Rara vez sale uno del cine temblando de terror e indignación, y ha de ser, porque rara vez las salas de cine apuestan por este tipo de material, en este caso, el documental Presunto Culpable, dirigido por Roberto Hernández en colaboración con Geoffrey Smith, nos muestra lo que ya sospechabamos: la impartición de justicia en México, es una farsa destructiva y cruel, pero cómo suele suceder, lo que suponemos es poco si lo comparamos con lo que en verdad sucede.

Presunto Culpable nos presenta el caso del jóven José Antonio Zuñiga Rodríguez acusado y condenado a 20 años de cárcel por un homicidio que no cometió, lo que vemos en noventa minutos es la síntesis de los más de 800 días de encarcelamiento que vive ésta víctima de la justicia mexicana. Pero esto va más allá, quien ve este documental no regresa igual a la calle, habrá ingenuos que se asombren, paranóicos como yo que descubren que no lo son tanto, y otras personas que saldrán indignadas pero con la intención de promover la cinta y buscar otras manera de apoyar el cambio urgente que requiere la impartición de justicia en el país.

Lo que ahí se presenta, es sólo un caso de tantos, las estadísticas que maneja el documental son arrolladoras, todas las deficiencias penales alcanzarán a perjudicar a más del 90% de los procesados, entre otros datos, resalta por ejemplo que 90 de cada 100 detenidos jamás vieron una orden de aprehension, más de 90 de cada 100 enjuiciados jamás vieron al juez, y lo que es peor, algunos homicidios son resueltos para no investigados, la frase que me dejó helado, es aquella donde sugieren que en un juicio el acusado se enfrentan contra el expediente elaborado por las autoridades competentes, y como queda claro en la cinta, de competentes no tienen nada.

Roberto Hernández ya había realizado en 2006, El Tunel, un documental corto donde abordaba los absurdos de la impartición de justicia en México, es precisamente por este corto que los amigos y familiares de Antonio Zuñiga lo contactan para pedirle ayuda y orientación, al revisar el expediente descubren algo que da las posibilidades de reabrir el juicio: la cédula del abogado defensor es falsa. Desde ese momento, con la posibilidad de tener un nuevo juicio y conseguir un abogado de verdad, uno como espectador será testigo de todas las incapacidades y defectos del ser humano, ya no podremos pronunciar aquellas frases de -a mi me dijeron-, -dicen por ahí-, -una vez me contaron- porque lo estaremos viendo suceder en la pantalla, y tristemente rebasa a la peor historia que nos hayan contado.

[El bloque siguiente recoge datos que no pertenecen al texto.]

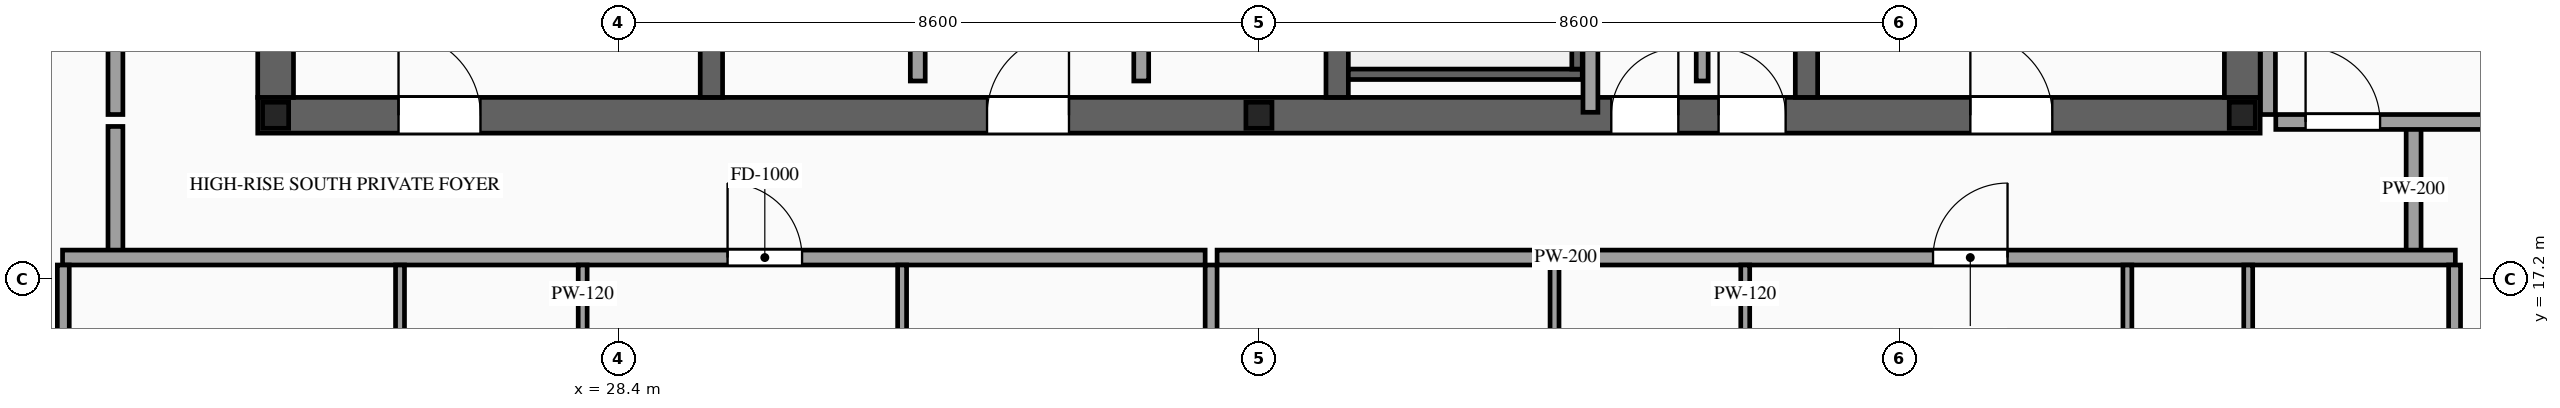
"""IFC4 building model, lengths in metres.
Left out: names, types, materials, properties, quantities, classifications, styles, units other than length and angle.
Written with IfcOpenShell. Run it as: python <this file> out.ifc"""

import sys

from ifc_helpers import new_model, si_unit, direction, frame, frame_2d, origin, origin_2d, place, context, subcontext, project, spatial, rectangle, i_section, extrude, source, transform, mapped, element, fill, save


model = new_model("IFC4")
c1 = context("Model", 3, precision=1e-05, world=origin(), true_north=direction((0.0, 1.0)))
c2 = subcontext(c1, "Body", "Model", "MODEL_VIEW")
j1 = project(units=[si_unit("LENGTHUNIT", "METRE"), si_unit("PLANEANGLEUNIT", "RADIAN")], contexts=[c1])
p1 = place(None, origin())
s1 = spatial("IfcSite", under=j1, at=p1, CompositionType="ELEMENT")
p2 = place(p1, origin())
s2 = spatial("IfcBuilding", under=s1, at=p2, CompositionType="ELEMENT")
p3 = place(p2, frame((0.0, 0.0, 299.6)))
s3 = spatial("IfcBuildingStorey", under=s2, at=p3, CompositionType="ELEMENT", Elevation=299.6)
p4 = place(p3, frame((23.56, 19.4, 0.0), z_axis=(0.0, 0.0, 1.0), x_axis=(1.0, 0.0, 0.0)))
e1 = element("IfcWall", 1, at=p4, inside=s3, PredefinedType="SHEAR", context=c2, shape_type="SweptSolid", body=[
    extrude(rectangle(XDim=26.88, YDim=0.48, at=frame_2d((13.44, 0.0))), origin(), (0.0, 0.0, 1.0), 3.5),
])
p5 = place(p4, frame((1.89, 0.0, 0.0)))
e2 = element("IfcOpeningElement", 2, at=p5, cuts=e1, PredefinedType="OPENING", context=c2, shape_type="SweptSolid", body=[
    extrude(rectangle(XDim=1.1, YDim=2.2, at=frame_2d((0.55, 1.1))), frame((0.0, 0.255, 0.0), z_axis=(0.0, -1.0, 0.0), x_axis=(1.0, 0.0, 0.0)), (0.0, 0.0, 1.0), 0.51),
])
p6 = place(p4, frame((9.79, 0.0, 0.0)))
e3 = element("IfcOpeningElement", 3, at=p6, cuts=e1, PredefinedType="OPENING", context=c2, shape_type="SweptSolid", body=[
    extrude(rectangle(XDim=1.1, YDim=2.2, at=frame_2d((0.55, 1.1))), frame((0.0, 0.255, 0.0), z_axis=(0.0, -1.0, 0.0), x_axis=(1.0, 0.0, 0.0)), (0.0, 0.0, 1.0), 0.51),
])
p7 = place(p4, frame((22.99, 0.0, 0.0)))
e4 = element("IfcOpeningElement", 4, at=p7, cuts=e1, PredefinedType="OPENING", context=c2, shape_type="SweptSolid", body=[
    extrude(rectangle(XDim=1.1, YDim=2.2, at=frame_2d((0.55, 1.1))), frame((0.0, 0.255, 0.0), z_axis=(0.0, -1.0, 0.0), x_axis=(1.0, 0.0, 0.0)), (0.0, 0.0, 1.0), 0.51),
])
p8 = place(p4, frame((19.61, 0.0, 0.0)))
e5 = element("IfcOpeningElement", 5, at=p8, cuts=e1, PredefinedType="OPENING", context=c2, shape_type="SweptSolid", body=[
    extrude(rectangle(XDim=0.9, YDim=2.15, at=frame_2d((0.45, 1.075))), frame((0.0, 0.255, 0.0), z_axis=(0.0, -1.0, 0.0), x_axis=(1.0, 0.0, 0.0)), (0.0, 0.0, 1.0), 0.51),
])
p9 = place(p4, frame((18.17, 0.0, 0.0)))
e6 = element("IfcOpeningElement", 6, at=p9, cuts=e1, PredefinedType="OPENING", context=c2, shape_type="SweptSolid", body=[
    extrude(rectangle(XDim=0.9, YDim=2.15, at=frame_2d((0.45, 1.075))), frame((0.0, 0.255, 0.0), z_axis=(0.0, -1.0, 0.0), x_axis=(1.0, 0.0, 0.0)), (0.0, 0.0, 1.0), 0.51),
])
m1 = source(origin(), c2, "Body", "SweptSolid", [
    extrude(rectangle(XDim=12.32, YDim=0.48, at=frame_2d((6.16, 0.0))), origin(), (0.0, 0.0, 1.0), 3.5),
])
for number, where, z_axis, x_axis in (
    (7, (23.8, 19.64, 0.0), (0.0, 0.0, 1.0), (0.0, 1.0, 0.0)),
    (8, (50.2, 19.64, 0.0), (0.0, 0.0, 1.0), (0.0, 1.0, 0.0)),
):
    element("IfcWall", number, at=place(p3, frame(where, z_axis=z_axis, x_axis=x_axis)), inside=s3, PredefinedType="SHEAR", context=c2, shape_type="MappedRepresentation", body=[
        mapped(m1, transform((0.0, 0.0, 0.0), scale=1.0)),
    ])
m2 = source(origin(), c2, "Body", "SweptSolid", [
    extrude(rectangle(XDim=12.32, YDim=0.3, at=frame_2d((6.16, 0.0))), origin(), (0.0, 0.0, 1.0), 3.5),
])
for number, where, z_axis, x_axis in (
    (9, (29.65, 19.64, 0.0), (0.0, 0.0, 1.0), (0.0, 1.0, 0.0)),
    (10, (38.05, 19.64, 0.0), (0.0, 0.0, 1.0), (0.0, 1.0, 0.0)),
):
    element("IfcWall", number, at=place(p3, frame(where, z_axis=z_axis, x_axis=x_axis)), inside=s3, PredefinedType="SOLIDWALL", context=c2, shape_type="MappedRepresentation", body=[
        mapped(m2, transform((0.0, 0.0, 0.0), scale=1.0)),
    ])
p10 = place(p3, frame((44.35, 19.64, 0.0), z_axis=(0.0, 0.0, 1.0), x_axis=(0.0, 1.0, 0.0)))
e11 = element("IfcWall", 11, at=p10, inside=s3, PredefinedType="SOLIDWALL", context=c2, shape_type="SweptSolid", body=[
    extrude(rectangle(XDim=12.32, YDim=0.3, at=frame_2d((6.16, 0.0))), origin(), (0.0, 0.0, 1.0), 3.5),
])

Si yo salí aterrado del cine, fue por ver como personas investidas de cierta autoridad y que son las que velan por nuestra seguridad y además responsables de la impartición de justicia, ven eso como un simple trámite, una chamba y nada más, no son capaces de entender que en sus manos tienen la libertad y las vidas de muchas personas, me dejó temblando la indiferencia con que toman decisiones tan arbitrarias con tal de no afecter su puesto y el de otros, en palabras más simples, asistí a la porqueriza donde todos los cerdos se cuidan la cola para evitar que la verdad se las pise, un verdadero horror.

Ojalá puedan asistir a verla, parte de lo que se está recabando en taquilla es para elaborar más copias de las cinta y así lograr que puedan verla más personas, la estructura y edición del documental son bastante ágiles y precisas, cómo han dicho algunos críticos no tiene desperdicio, pero si algunos desperdicios de nuestra raza humana, ojalá nunca nos topemos con uno de ellos en nuestra vida y para estar seguros, hay que pasar la voz y apoyar la causa.

Monday, October 4, 2010

Una falsa farsa inspirada en la tragedia
El infierno, de Luis Estrada, Mexico 2010


En este país ya practicabamos una farsa con bastante éxito, ir a votar y creer que en eso consiste la democracia, sin embargo, el Estado que jamás se contenta con nada, decidió hacernos participar en otra: la guerra contra el narco, pero los papeles que se nos ofrecieron en esta obra no nos gustaron, desgraciadamente nos salen muy bien: civil muerto, civil herido, persona que duerme con miedo, sociedad que no confía en nadie, extorsionado, secuestrado, y otras mas extremas, alguien que ve sicarios con tranchete en cada auto que pasa por ejemplo.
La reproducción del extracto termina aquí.